Otto Hentz, S.J., one of many professors who teach The Problem of God course, says “No issue is more fundamental than the question of God’s existence and the kinds of experience and knowing that yield different responses to the question.”

December 7, 2010 –Few required courses in Georgetown’s core curriculum are more popular than The Problem of God, one of the university’s two mandatory theology requisites.

Thousands of alumni have now taken the course, which the theology department created in the 1960s.

Covering a variety of faith traditions, the course is now taught by no fewer than 10 professors a semester.

Important Questions

“The Problem of God is important because it teaches students to think critically, perhaps for the first time, about religious thought and practice,” says Terrence Reynolds, theology department chair. “In particular, it challenges students, whatever their religious or non-religious perspective, to think about questions of meaning, convictions and the religious dimension of human experience.”

Ksenya Belooussova (SFS’ 12) says she was skeptical about the course at first.

“But The Problem of God has been one of my favorite classes at Georgetown so far,” she says. “Being challenged by a subject I’d never really given much thought to changed my attitude toward the whole objective of a college education. I’m really glad I was pushed out of my comfort zone during freshman year.”

Basement Issues

Students in the class taught by theology professor Otto Hentz, S.J., read and write essays on everything from Sigmund Freud’s The Future of An Illusion to Auschwitz as Revelation by Michael Buser to Problem of God, Yesterday and Today by the late John Courtney Murray, S.J.

The course covers atheists authors such as Jean-Paul Sartre.

“My approach,” writes Hentz in his syllabus, “is to map fundamental dimensions of the problem and their connection, and then to consider alternately configurations of the map, now from the perspective of religious belief, now from the perspective of atheism.”

He says his course covers “ ‘basement issues’ – fundamental questions about what it means to be a human being in a shared history shaped by choice.”

“No issue is more fundamental than the question of God’s existence and the kinds of experience and knowing that yield different responses to the question,” Hentz says.

A Course With Personality

Students and alumni see Problem of God as a classic Georgetown course.

“It adds so much personality to Georgetown,” says Ryan Merlini (C’14). “When I went home over Thanksgiving break and talked college stuff with my friends, Problem of God was always the class that made them raise their eyebrows.”

Merlini appreciates that students aren’t told to take up a position and defend it.

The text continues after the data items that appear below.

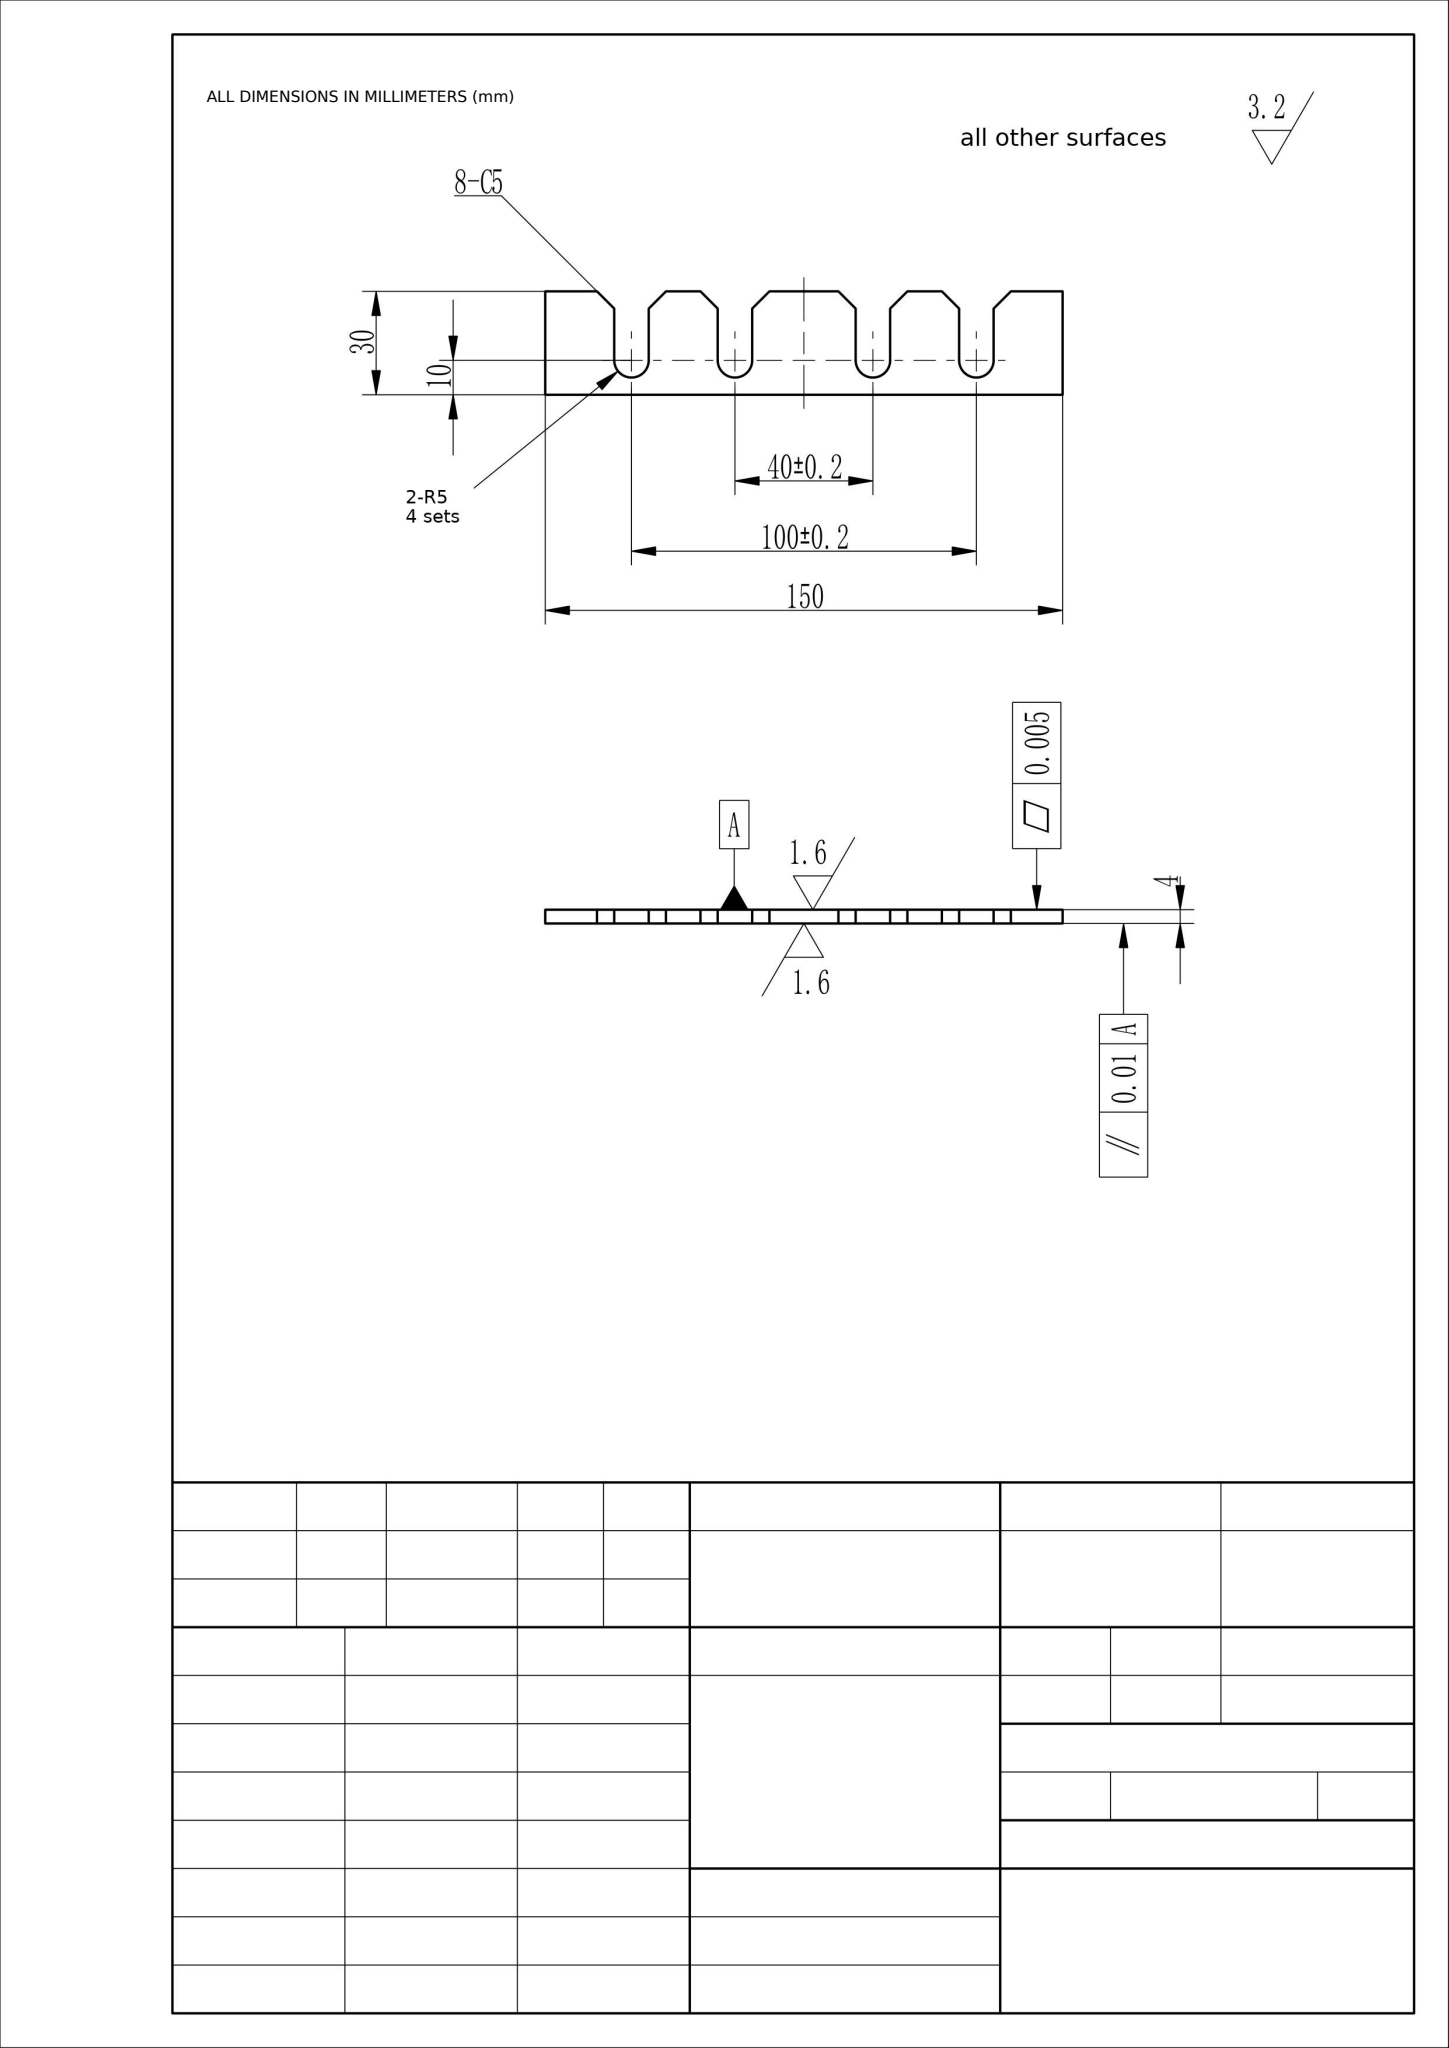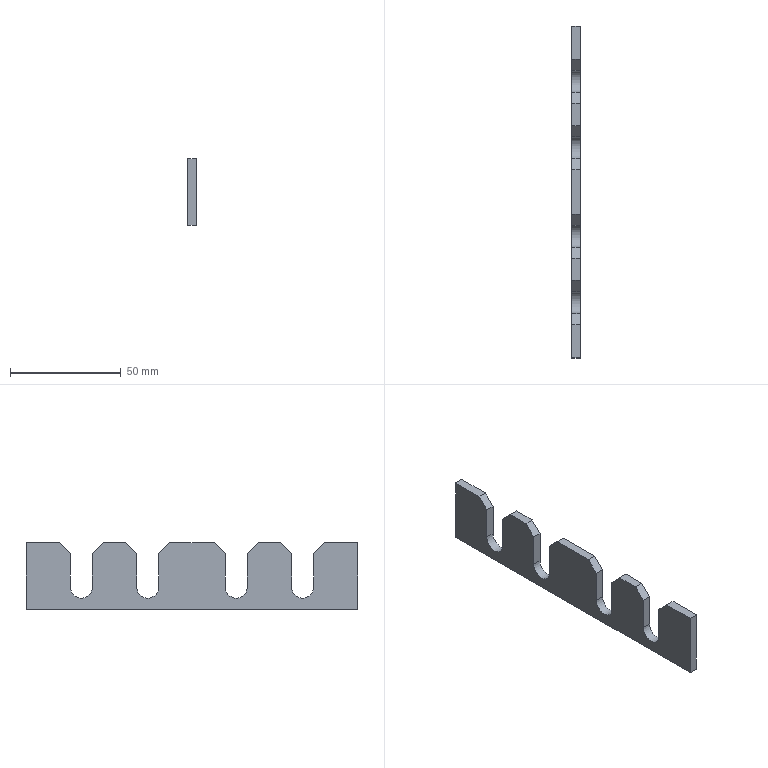Part | NX | mm | 1 solid | 30 faces | box 4 x 150 x 30 mm | volume 13772 mm3 | plane 26 | cylinder 4 | commonest cylinder face diameters 10 x4
STEP:
#1=CARTESIAN_POINT('',(0.,0.,0.));
#2=DIRECTION('',(0.,0.,1.));
#3=DIRECTION('',(1.,0.,0.));
#4=AXIS2_PLACEMENT_3D('',#1,#2,#3);
#5=(LENGTH_UNIT()NAMED_UNIT(*)SI_UNIT(.MILLI.,.METRE.));
#6=UNCERTAINTY_MEASURE_WITH_UNIT(LENGTH_MEASURE(0.00002),#5,'','');
#7=(NAMED_UNIT(*)PLANE_ANGLE_UNIT()SI_UNIT($,.RADIAN.));
#8=PLANE_ANGLE_MEASURE_WITH_UNIT(PLANE_ANGLE_MEASURE(0.01745),#7);
#9=DIMENSIONAL_EXPONENTS(0.,0.,0.,0.,0.,0.,0.);
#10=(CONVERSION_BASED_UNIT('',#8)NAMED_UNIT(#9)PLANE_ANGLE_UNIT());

“Instead, [we are] questioning the arguments we are analyzing,” he says. “This to me exemplifies the Jesuit theory of education – questioning and dialogue. In questioning belief in God, we are better able to open doors into new rooms of thought we hadn't considered before.”

Common Ground

Aside from offering an avenue for intellectual discourse, the course provides a link across diverse fields of study. A Problem of God class brings together students from all of the undergraduate schools.

“It's something that everyone has in common,” Merlini says. “In any community, what binds people together is commonality, and sure enough I’ve talked to people 10 years older than me about what Problem of God professor they've had.”